Opinion: Why Mike Johnson winning the speakership is a loss for the country
Editor’s Note: Julian Zelizer, a CNN political analyst, is a professor of history and public affairs at Princeton University. He is the author and editor of 25 books, including the New York Times best-seller, “Myth America: Historians Take on the Biggest Lies and Legends About Our Past” (Basic Books). Follow him on Twitter @julianzelizer. The views expressed in this commentary are his own. View more opinion on CNN.
House Republicans finally picked a speaker of the House when GOP members coalesced around Louisiana Rep. Mike Johnson on Wednesday afternoon.
With this decision, MAGA wins again.
Johnson is no moderate. While free of any major known scandal and gentler in demeanor than Ohio’s Rep. Jim Jordan — the far-right choice of the House rebels who ousted Rep. Kevin McCarthy from the speakership who failed to win the office last week — that’s about it. Johnson might be a nice person, he carries himself in a reasonable way, but make no mistake about it: He is perfectly aligned with the new generation of Republicans who are replacing the generations of the upstart tea party and smash mouth partisan Newt Gingrich as they push their party even further to the right.
Indeed, the nomination speech that New York Rep. Elise Stefanik gave for Johnson was pure red meat for the party. She accused the left of wanting to stop paying for police, being weak on defense and undermining the values of the nation. She railed against President Joe Biden’s “radical, failed, far-left Democrat policies” on energy and warned that the government had been “illegally weaponized” against “we the people.”
For comparison, Speaker Tip O’Neill in 1984 condemned as the “lowest thing” he had seen in his career in Congress the attacks on the patriotism of Democrats leveled by then-Georgia Rep. Newt Gingrich and his allies on televised House proceedings when Democrats weren’t present to respond. That was child’s play compared to Stefanik’s words.
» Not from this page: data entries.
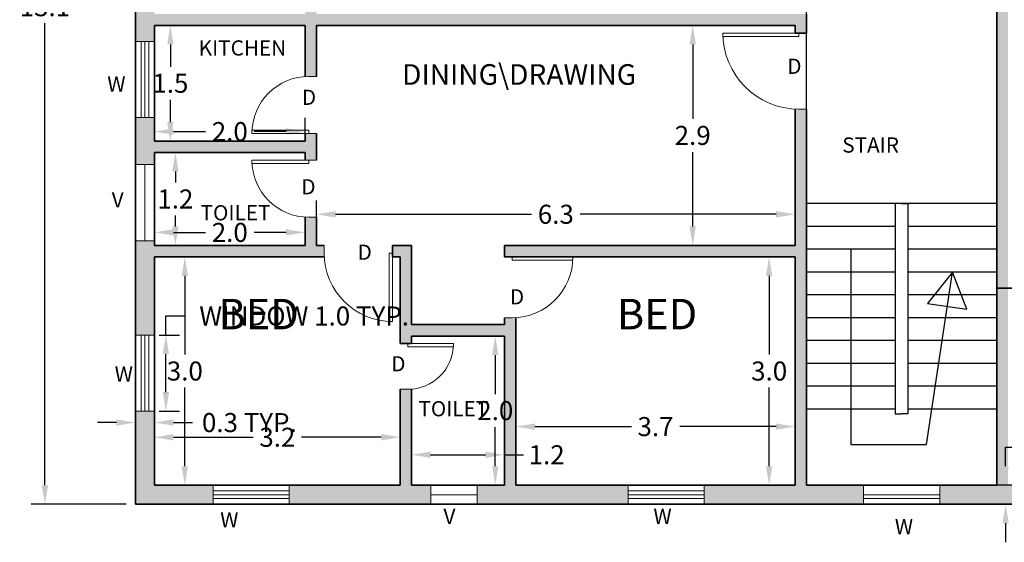
# Model space of a CAD drawing. Units: metres. Extents: x 6.2 to 29.4, y -2.1 to 16.8.
# Tile 1 of 3: x 6.2 to 19.2, y -2.1 to 4.8. Entities that reach past the tile are written whole.
import ezdxf

# ---------------------------------------------------------------- set-up
doc = ezdxf.new("R2010")
doc.units = ezdxf.units.M
doc.header["$MEASUREMENT"] = 0
doc.layers.get('0').update_dxf_attribs({"color": 2})
doc.layers.get('Defpoints').update_dxf_attribs({"color": 3})
for name, color, linetype, lineweight in [('A-ANNO-DIMS', 6, 'Continuous', 13), ('A-ANNO-TEXT', 7, 'Continuous', 18), ('A-AREA-IDEN', 3, 'Continuous', 18), ('A-DOOR', 3, 'Continuous', 18), ('A-FLOR-STRS', 1, 'Continuous', 25), ('A-GLAZ', 4, 'Continuous', 18), ('A-WALL', 7, 'Continuous', 35), ('A-WALL-PATT', 252, 'Continuous', 13)]:
    doc.layers.add(name, color=color, linetype=linetype, lineweight=lineweight)
doc.styles.get("Standard").update_dxf_attribs({"font": 'arial.ttf'})
doc.dimstyles.get("Standard").update_dxf_attribs({"dimtxt": 0.25, "dimasz": 0.25, "dimexe": 0.18, "dimexo": 0.0625, "dimgap": 0.09, "dimtad": 0, "dimtih": 1, "dimtoh": 1, "dimdec": 1, "dimzin": 0, "dimdsep": 46, "dimtxsty": 'Standard', "dimcen": 0.09, "dimadec": 0, "dimazin": 0, "dimtfac": 1, "dimtdec": 1, "dimtofl": 0, "dimtmove": 0, "dimatfit": 3, "dimfxl": 1, "dimtolj": 1, "dimtzin": 0, "dimarcsym": 0})

# ---------------------------------------------------------------- blocks, each defined once
blk = doc.blocks.new('*U2')
for p, q in [((-900, 0), (-900, 100)), ((0, 0), (0, 100))]:
    blk.add_line(p, q)
blk.add_lwpolyline([(0, 0), (0, -900), (-43.75, -900), (-43.75, 0)], close=True)
blk.add_arc((0, 0), 900, 180, 270)
blk = doc.blocks.new('*U3')
for p, q in [((0, 0), (0, -100)), ((600, 0), (600, -100))]:
    blk.add_line(p, q)
blk.add_lwpolyline([(0, 0), (0, 600), (43.75, 600), (43.75, 0)], close=True)
blk.add_arc((0, 0), 600, 0, 90)
blk = doc.blocks.new('*U4')
for p, q in [((-800, 0), (-800, 100)), ((0, 0), (0, 100))]:
    blk.add_line(p, q)
blk.add_lwpolyline([(0, 0), (0, -800), (-43.75, -800), (-43.75, 0)], close=True)
blk.add_arc((0, 0), 800, 180, 270)
blk = doc.blocks.new('*D5')
at = {"layer": 'A-ANNO-DIMS', "color": 0, "lineweight": -2, "transparency": 16777216}
for p, q in [((8.047, 1.673), (8.563, 1.673)), ((8.383, 1.423), (8.383, 0.391)), ((8.383, -1.077), (8.383, -0.045)), ((8.047, -1.327), (8.563, -1.327))]:
    blk.add_line(p, q, dxfattribs=at)
at = {"layer": 'A-ANNO-DIMS', "color": 0, "transparency": 16777216}
for points in [[(8.341, 1.423), (8.424, 1.423), (8.383, 1.673)], [(8.341, -1.077), (8.424, -1.077), (8.383, -1.327)]]:
    blk.add_solid(points, dxfattribs=at)
at = {"layer": 'Defpoints', "color": 0, "transparency": 16777216}
for p in [(7.984, 1.673), (7.984, -1.327), (8.383, -1.327)]:
    blk.add_point(p, dxfattribs=at)
at = {"layer": 'A-ANNO-DIMS', "color": 0, "transparency": 16777216, "insert": (8.383, 0.173), "char_height": 0.25, "attachment_point": 5}
blk.add_mtext('\\A1;3.0', dxfattribs=at)
blk = doc.blocks.new('*D6')
at = {"layer": 'A-ANNO-DIMS', "color": 0, "lineweight": -2, "transparency": 16777216}
for p, q in [((7.984, -1.264), (7.984, -0.517)), ((11.214, -1.264), (11.214, -0.517)), ((8.234, -0.697), (9.283, -0.697)), ((10.964, -0.697), (9.915, -0.697))]:
    blk.add_line(p, q, dxfattribs=at)
at = {"layer": 'A-ANNO-DIMS', "color": 0, "transparency": 16777216}
for points in [[(8.234, -0.655), (8.234, -0.739), (7.984, -0.697)], [(10.964, -0.655), (10.964, -0.739), (11.214, -0.697)]]:
    blk.add_solid(points, dxfattribs=at)
at = {"layer": 'Defpoints', "color": 0, "transparency": 16777216}
for p in [(11.214, -0.697), (7.984, -1.327), (11.214, -1.327)]:
    blk.add_point(p, dxfattribs=at)
at = {"layer": 'A-ANNO-DIMS', "color": 0, "transparency": 16777216, "insert": (9.599, -0.697), "char_height": 0.25, "attachment_point": 5}
blk.add_mtext('\\A1;3.2', dxfattribs=at)
blk = doc.blocks.new('*D7')
at = {"layer": 'A-ANNO-DIMS', "color": 0, "lineweight": -2, "transparency": 16777216}
for p, q in [((12.522, 0.633), (12.283, 0.633)), ((12.463, 0.383), (12.463, -0.129)), ((12.463, -1.077), (12.463, -0.565)), ((12.522, -1.327), (12.283, -1.327))]:
    blk.add_line(p, q, dxfattribs=at)
at = {"layer": 'A-ANNO-DIMS', "color": 0, "transparency": 16777216}
for points in [[(12.421, 0.383), (12.504, 0.383), (12.463, 0.633)], [(12.421, -1.077), (12.504, -1.077), (12.463, -1.327)]]:
    blk.add_solid(points, dxfattribs=at)
at = {"layer": 'Defpoints', "color": 0, "transparency": 16777216}
for p in [(12.584, 0.633), (12.463, -1.327), (12.584, -1.327)]:
    blk.add_point(p, dxfattribs=at)
at = {"layer": 'A-ANNO-DIMS', "color": 0, "transparency": 16777216, "insert": (12.463, -0.347), "char_height": 0.25, "attachment_point": 5}
blk.add_mtext('\\A1;2.0', dxfattribs=at)
blk = doc.blocks.new('*D8')
at = {"layer": 'A-ANNO-DIMS', "color": 0, "lineweight": -2, "transparency": 16777216}
for p, q in [((11.364, -1.264), (11.364, -0.747)), ((12.584, -1.264), (12.584, -0.747)), ((11.614, -0.927), (12.334, -0.927)), ((12.584, -0.927), (12.834, -0.927))]:
    blk.add_line(p, q, dxfattribs=at)
at = {"layer": 'A-ANNO-DIMS', "color": 0, "transparency": 16777216}
for points in [[(11.614, -0.886), (11.614, -0.969), (11.364, -0.927)], [(12.334, -0.886), (12.334, -0.969), (12.584, -0.927)]]:
    blk.add_solid(points, dxfattribs=at)
at = {"layer": 'Defpoints', "color": 0, "transparency": 16777216}
for p in [(12.584, -0.927), (11.364, -1.327), (12.584, -1.327)]:
    blk.add_point(p, dxfattribs=at)
at = {"layer": 'A-ANNO-DIMS', "color": 0, "transparency": 16777216, "insert": (13.139, -0.927), "char_height": 0.25, "attachment_point": 5}
blk.add_mtext('\\A1;1.2', dxfattribs=at)
blk = doc.blocks.new('*D9')
at = {"layer": 'A-ANNO-DIMS', "color": 0, "lineweight": -2, "transparency": 16777216}
for p, q in [((16.342, 1.673), (15.883, 1.673)), ((16.063, 1.423), (16.063, 0.391)), ((16.063, -1.077), (16.063, -0.045)), ((16.342, -1.327), (15.883, -1.327))]:
    blk.add_line(p, q, dxfattribs=at)
at = {"layer": 'A-ANNO-DIMS', "color": 0, "transparency": 16777216}
for points in [[(16.021, 1.423), (16.104, 1.423), (16.063, 1.673)], [(16.021, -1.077), (16.104, -1.077), (16.063, -1.327)]]:
    blk.add_solid(points, dxfattribs=at)
at = {"layer": 'Defpoints', "color": 0, "transparency": 16777216}
for p in [(16.404, 1.673), (16.063, -1.327), (16.404, -1.327)]:
    blk.add_point(p, dxfattribs=at)
at = {"layer": 'A-ANNO-DIMS', "color": 0, "transparency": 16777216, "insert": (16.063, 0.173), "char_height": 0.25, "attachment_point": 5}
blk.add_mtext('\\A1;3.0', dxfattribs=at)
blk = doc.blocks.new('*D10')
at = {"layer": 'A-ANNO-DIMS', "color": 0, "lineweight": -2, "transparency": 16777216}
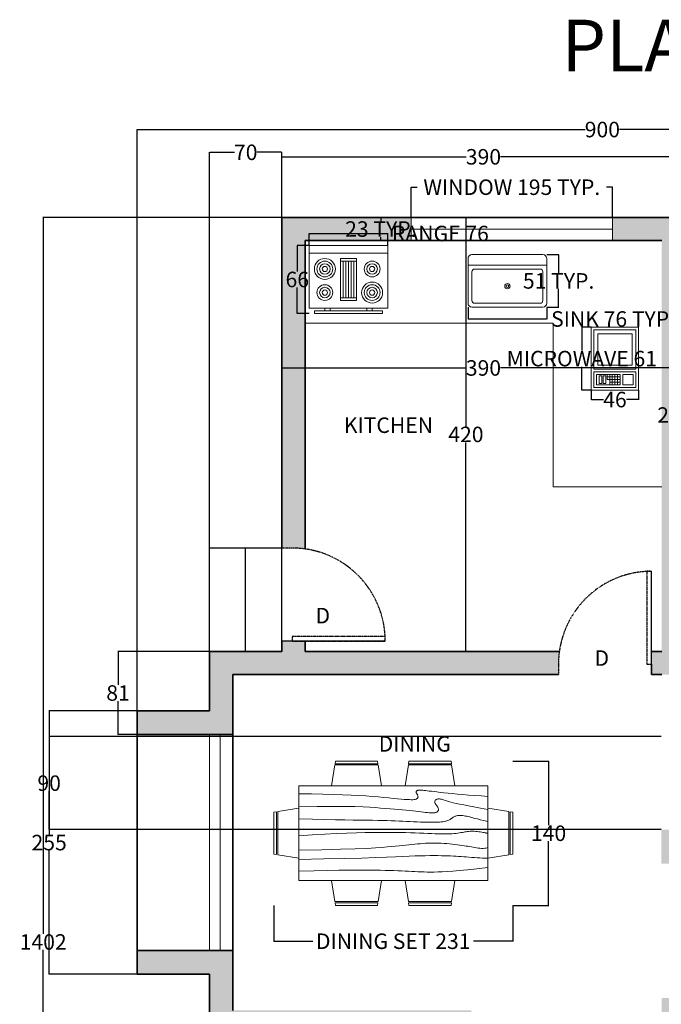
# Model space of a CAD drawing. Units: centimetres. Extents: x 355 to 1615, y 1030 to 2729.
# Tile 2 of 3: x 358 to 978, y 1776 to 2729. Entities that reach past the tile are written whole.
import ezdxf

# ---------------------------------------------------------------- set-up
doc = ezdxf.new("R2010")
doc.units = ezdxf.units.CM
doc.header["$MEASUREMENT"] = 0
doc.linetypes.add('HIDDEN', pattern=[0.375, 0.25, -0.125])
for name, color, linetype, lineweight in [('A-ANNO-DIMS', 2, 'Continuous', 18), ('A-ANNO-TEXT', 7, 'Continuous', 25), ('A-AREA-IDEN', 7, 'Continuous', 25), ('A-DOOR', 4, 'Continuous', 25), ('A-DOOR-HIDN', 4, 'HIDDEN', 25), ('A-EQPM', 8, 'Continuous', 18), ('A-FLOR-CASE', 9, 'Continuous', 20), ('A-FLOR-FIXT', 9, 'Continuous', 18), ('A-FLOR-STRS', 7, 'Continuous', 25), ('A-FURN', 8, 'Continuous', 18), ('A-GLAZ', 4, 'Continuous', 18), ('A-WALL', 7, 'Continuous', 35), ('A-WALL-PATT', 5, 'Continuous', 13)]:
    doc.layers.add(name, color=color, linetype=linetype, lineweight=lineweight)
doc.styles.get("Standard").update_dxf_attribs({"font": 'arial.ttf'})
doc.dimstyles.get("Standard").update_dxf_attribs({"dimtxt": 15, "dimasz": 0.18, "dimexe": 0.18, "dimexo": 0.0625, "dimgap": 0.09, "dimtad": 0, "dimtih": 1, "dimtoh": 1, "dimdec": 0, "dimzin": 0, "dimdsep": 46, "dimtxsty": 'Standard', "dimcen": 0.09, "dimadec": 0, "dimazin": 0, "dimtfac": 1, "dimtdec": 0, "dimtofl": 0, "dimtmove": 0, "dimatfit": 3, "dimfxl": 1, "dimtolj": 1, "dimtzin": 0, "dimarcsym": 0})

# ---------------------------------------------------------------- blocks, each defined once
blk = doc.blocks.new('*U2')
for p, q in [((0, 0), (0, -100)), ((-900, 0), (-900, -100))]:
    blk.add_line(p, q)
blk.add_lwpolyline([(0, 0), (0, 900), (-43.75, 900), (-43.75, 0)], close=True)
blk.add_arc((0, 0), 900, 90, 180)
blk = doc.blocks.new('*U3')
for p, q in [((0, 0), (0, -100)), ((-900, 0), (-900, -100))]:
    blk.add_line(p, q)
blk.add_lwpolyline([(0, 0), (0, 900), (-43.75, 900), (-43.75, 0)], close=True)
blk.add_arc((0, 0), 900, 90, 180)
blk = doc.blocks.new('Range-Oven - 30 in top')
for p, q in [((0, -3), (30, -3)), ((12, -6), (18, -6)), ((13, -20), (13, -6)), ((14, -6), (14, -20)), ((15, -20), (15, -6)), ((16, -6), (16, -20)), ((17, -20), (17, -6)), ((18, -20), (12, -20)), ((6, -24), (6, -25)), ((8, -25), (8, -24)), ((22, -25), (22, -24)), ((24, -24), (24, -25))]:
    blk.add_line(p, q)
for points in [[(0, -24), (0, 0), (30, 0), (30, -24)], [(12, -21), (12, -5), (18, -5), (18, -21)], [(2, -26), (2, -25), (28, -25), (28, -26)]]:
    blk.add_lwpolyline(points, close=True)
for centre, radius in [((6, -9), 4), ((6, -9), 3), ((6, -9), 2), ((24, -9), 3), ((24, -9), 2), ((6, -9), 1), ((24, -9), 1), ((6, -18), 3), ((24, -18), 4), ((24, -18), 3), ((6, -18), 2), ((6, -18), 1), ((24, -18), 2), ((24, -18), 1)]:
    blk.add_circle(centre, radius)
blk = doc.blocks.new('Sink-single - 30 in top')
blk.add_line((-15, -3.999996), (15, -3.999996))
for points in [[(-13.5, 0), (13.5, 0)], [(-15, -18.499996), (-15, -1.5)], [(15, -1.5), (15, -18.499996)], [(-13.5, -17.499996), (-13.5, -6.499996)], [(-12.5, -5.499996), (12.5, -5.499996)], [(13.5, -6.499996), (13.5, -17.499996)], [(12.5, -18.499996), (-12.5, -18.499996)], [(13.5, -19.999996), (-13.5, -19.999996)]]:
    blk.add_lwpolyline(points)
for radius in [1, 0.5]:
    blk.add_circle((0, -11.999996), radius)
for centre, radius, start, end in [((-13.5, -1.5), 1.5, 90, 180), ((13.5, -1.5), 1.5, 0, 90), ((-12.5, -6.499996), 1, 90, 180), ((12.5, -6.499996), 1, 0, 90), ((-13.5, -18.499996), 1.5, 180, 270), ((-12.5, -17.499996), 1, 180, 270), ((12.5, -17.499996), 1, 270, 0), ((13.5, -18.499996), 1.5, 270, 0)]:
    blk.add_arc(centre, radius, start, end)
blk = doc.blocks.new('Microwave')
for p, q in [((18, 10), (22, 10)), ((22, 9), (18, 9)), ((18, 8), (22, 8)), ((19, 7), (19, 11)), ((20, 11), (20, 7)), ((21, 7), (21, 11)), ((22, 7), (18, 7)), ((20, 6), (18, 6)), ((19, 6), (19, 7)), ((20, 7), (20, 6))]:
    blk.add_line(p, q)
for points in [[(0, 0), (0, 18), (24, 18), (24, 0)], [(1, 1), (1, 17), (16, 17), (16, 1)], [(2.5, 2.5), (2.5, 15.5), (14.5, 15.5), (14.5, 2.5)], [(17, 1), (17, 17), (23, 17), (23, 1)], [(18, 12), (18, 16), (22, 16), (22, 12)], [(18, 2), (18, 11), (22, 11), (22, 2)], [(18.5, 4.5), (18.5, 5.5), (21.5, 5.5), (21.5, 4.5)], [(18.5, 3), (18.5, 4), (21.5, 4), (21.5, 3)]]:
    blk.add_lwpolyline(points, close=True)
blk = doc.blocks.new('*D8')
at = {"layer": 'A-ANNO-DIMS', "color": 0, "lineweight": -2, "transparency": 16777216}
for p, q in [((611.23, 2537.61), (611.23, 2391.81)), ((1001.23, 2537.61), (1001.23, 2391.81)), ((611.41, 2391.99), (789.6, 2391.99)), ((1001.05, 2391.99), (822.86, 2391.99))]:
    blk.add_line(p, q, dxfattribs=at)
at = {"layer": 'A-ANNO-DIMS', "color": 0, "transparency": 16777216}
for points in [[(611.41, 2392.02), (611.41, 2391.96), (611.23, 2391.99)], [(1001.05, 2392.02), (1001.05, 2391.96), (1001.23, 2391.99)]]:
    blk.add_solid(points, dxfattribs=at)
at = {"layer": 'Defpoints', "color": 0, "transparency": 16777216}
for p in [(611.23, 2537.67), (1001.23, 2537.67), (1001.23, 2391.99)]:
    blk.add_point(p, dxfattribs=at)
at = {"layer": 'A-ANNO-DIMS', "color": 0, "transparency": 16777216, "insert": (806.23, 2391.99), "char_height": 15, "attachment_point": 5}
blk.add_mtext('\\A1;390', dxfattribs=at)
blk = doc.blocks.new('*D9')
at = {"layer": 'A-ANNO-DIMS', "color": 0, "lineweight": -2, "transparency": 16777216}
for p, q in [((765.93, 2537.67), (789.45, 2537.67)), ((789.27, 2537.49), (789.27, 2335.42)), ((789.27, 2117.85), (789.27, 2319.92)), ((765.93, 2117.67), (789.45, 2117.67))]:
    blk.add_line(p, q, dxfattribs=at)
at = {"layer": 'A-ANNO-DIMS', "color": 0, "transparency": 16777216}
for points in [[(789.24, 2537.49), (789.3, 2537.49), (789.27, 2537.67)], [(789.24, 2117.85), (789.3, 2117.85), (789.27, 2117.67)]]:
    blk.add_solid(points, dxfattribs=at)
at = {"layer": 'Defpoints', "color": 0, "transparency": 16777216}
for p in [(765.87, 2537.67), (765.87, 2117.67), (789.27, 2117.67)]:
    blk.add_point(p, dxfattribs=at)
at = {"layer": 'A-ANNO-DIMS', "color": 0, "transparency": 16777216, "insert": (789.27, 2327.67), "char_height": 15, "attachment_point": 5}
blk.add_mtext('\\A1;420', dxfattribs=at)
blk = doc.blocks.new('Dining Set - 36 x 72 in.')
for p, q in [((-22, 27.5), (-22.1562, 26.50042)), ((-5.8416, 26.5), (-22.1534, 26.5)), ((-22, 27.5), (-6, 27.5)), ((-5.8437, 26.49966), (-6, 27.5)), ((6, 27.5), (5.8438, 26.50042)), ((22.1584, 26.5), (5.8466, 26.5)), ((6, 27.5), (22, 27.5)), ((22.1563, 26.49966), (22, 27.5)), ((-22.2343, 26.00059), (-23.4847, 17.99762)), ((-22.2304, 26), (-5.7608, 26)), ((-4.5152, 17.99762), (-5.7655, 25.99926)), ((5.7657, 26.00059), (4.5153, 17.99762)), ((5.7696, 26), (22.2392, 26)), ((23.4848, 17.99762), (22.2345, 25.99926)), ((36, 18), (-36, 18)), ((-36, 18), (-36, -18)), ((36, -18), (36, 18)), ((-45.5, 8), (-44.5004, 8.15617)), ((-45.5, 8), (-45.5, -8)), ((-44.5, -8.15843), (-44.5, 8.15338)), ((-44.0006, 8.23428), (-35.9976, 9.48474)), ((-44, 8.23041), (-44, -8.23915)), ((44.0006, 8.23428), (35.9976, 9.48474)), ((44, 8.23041), (44, -8.23915)), ((44.5, -8.15843), (44.5, 8.15338)), ((45.5, 8), (44.5005, 8.15617)), ((45.5, 8), (45.5, -8)), ((-44.4997, -8.15631), (-45.5, -8)), ((-35.9976, -9.48476), (-43.9993, -8.2345)), ((35.9976, -9.48476), (43.9993, -8.2345)), ((44.4997, -8.15631), (45.5, -8)), ((-36, -18), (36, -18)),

On almost every issue, Johnson is hard right. He has been a staunch opponent of same-sex marriage. He has been at the forefront of opposing reproductive rights. He opposed funding for Ukraine. He wants to deregulate the economy, cut taxes and deny the very real problems facing our climate. He supported “expunging” former President Donald Trump’s second impeachment and has questioned the Justice Department for how it has handled investigations into Hunter Biden.
Most importantly, Johnson was at the center of the effort to overturn the 2020 election, something that in other times would have been immediately disqualifying for holding office let alone being speaker. Within the House itself, he was one of the point persons working with the Trump administration to subvert the decision of American voters by standing against certifying the 2020 results and helping create the legal strategy that was the basis for Trump’s attempted overthrow. In particular, he helped to round up support for a legal brief behind a lawsuit in Texas that would have thrown out the election results in four battle ground states where Biden was victorious.
As Florida Rep. Matt Gaetz, who helped orchestrate McCarthy’s ouster, told Steve Bannon on a recent “War Room” podcast: “If you don’t think that moving from Kevin McCarthy to MAGA Mike Johnson shows the ascendance of this movement and where the power in the Republican Party lies, then you’re not paying attention.”
Taking one more step in the enshrinement of MAGA, Johnson on Wednesday won with the support of many so-called “moderate” Republicans who had been more comfortable with McCarthy at the top. These Republicans made a practical decision, no doubt fueled in part by sheer exhaustion, that it was better to settle on someone that to let this uncertainty continue.
This logic has driven many Republicans to capitulate to their more extreme colleagues over the decades, from the time in 1989 when Maine Sen. Olympia Snowe voted for Newt Gingrich to be minority whip because his aggressive style offered the party the best path to majority power (which they had not held since 1954) to the continued concessions of Trump opponents such as Utah Sen. Mitt Romney. As McKay Coppins documents in his new book, “Romney: A Reckoning,” Romney kept agreeing to live with Trumpism despite his understanding of the dangers that entailed, reportedly thinking he could contain the extremes as he worked to protect his party. He was wrong.
Whether GOP members voted for Johnson as a result of practical or ideological considerations, the Republicans are now on the same page. The #NeverTrump contingent is irrelevant at best, or even an illusion. The reason that Trump is by far the lead contender for the 2024 Republican presidential nomination is because he is perfectly aligned with the most energetic part of the modern GOP — and the election of Johnson as speaker of the House proves the point.
Democrats have some big decisions ahead. The distance between what Johnson and the House Republicans will push for after agreeing to an expected continuing resolution to keep the government open for a few months will be hugely different from the concessions Democrats can accept. From assistance to Ukraine to funding for basic social safety programs, the two parties will be very far apart. To keep government functioning while protecting core programs that have been created since the New Deal, Democrats will have to choose whether to make massive concessions to their opposition that will no doubt leave voters feeling dispirited when the next election rolls around.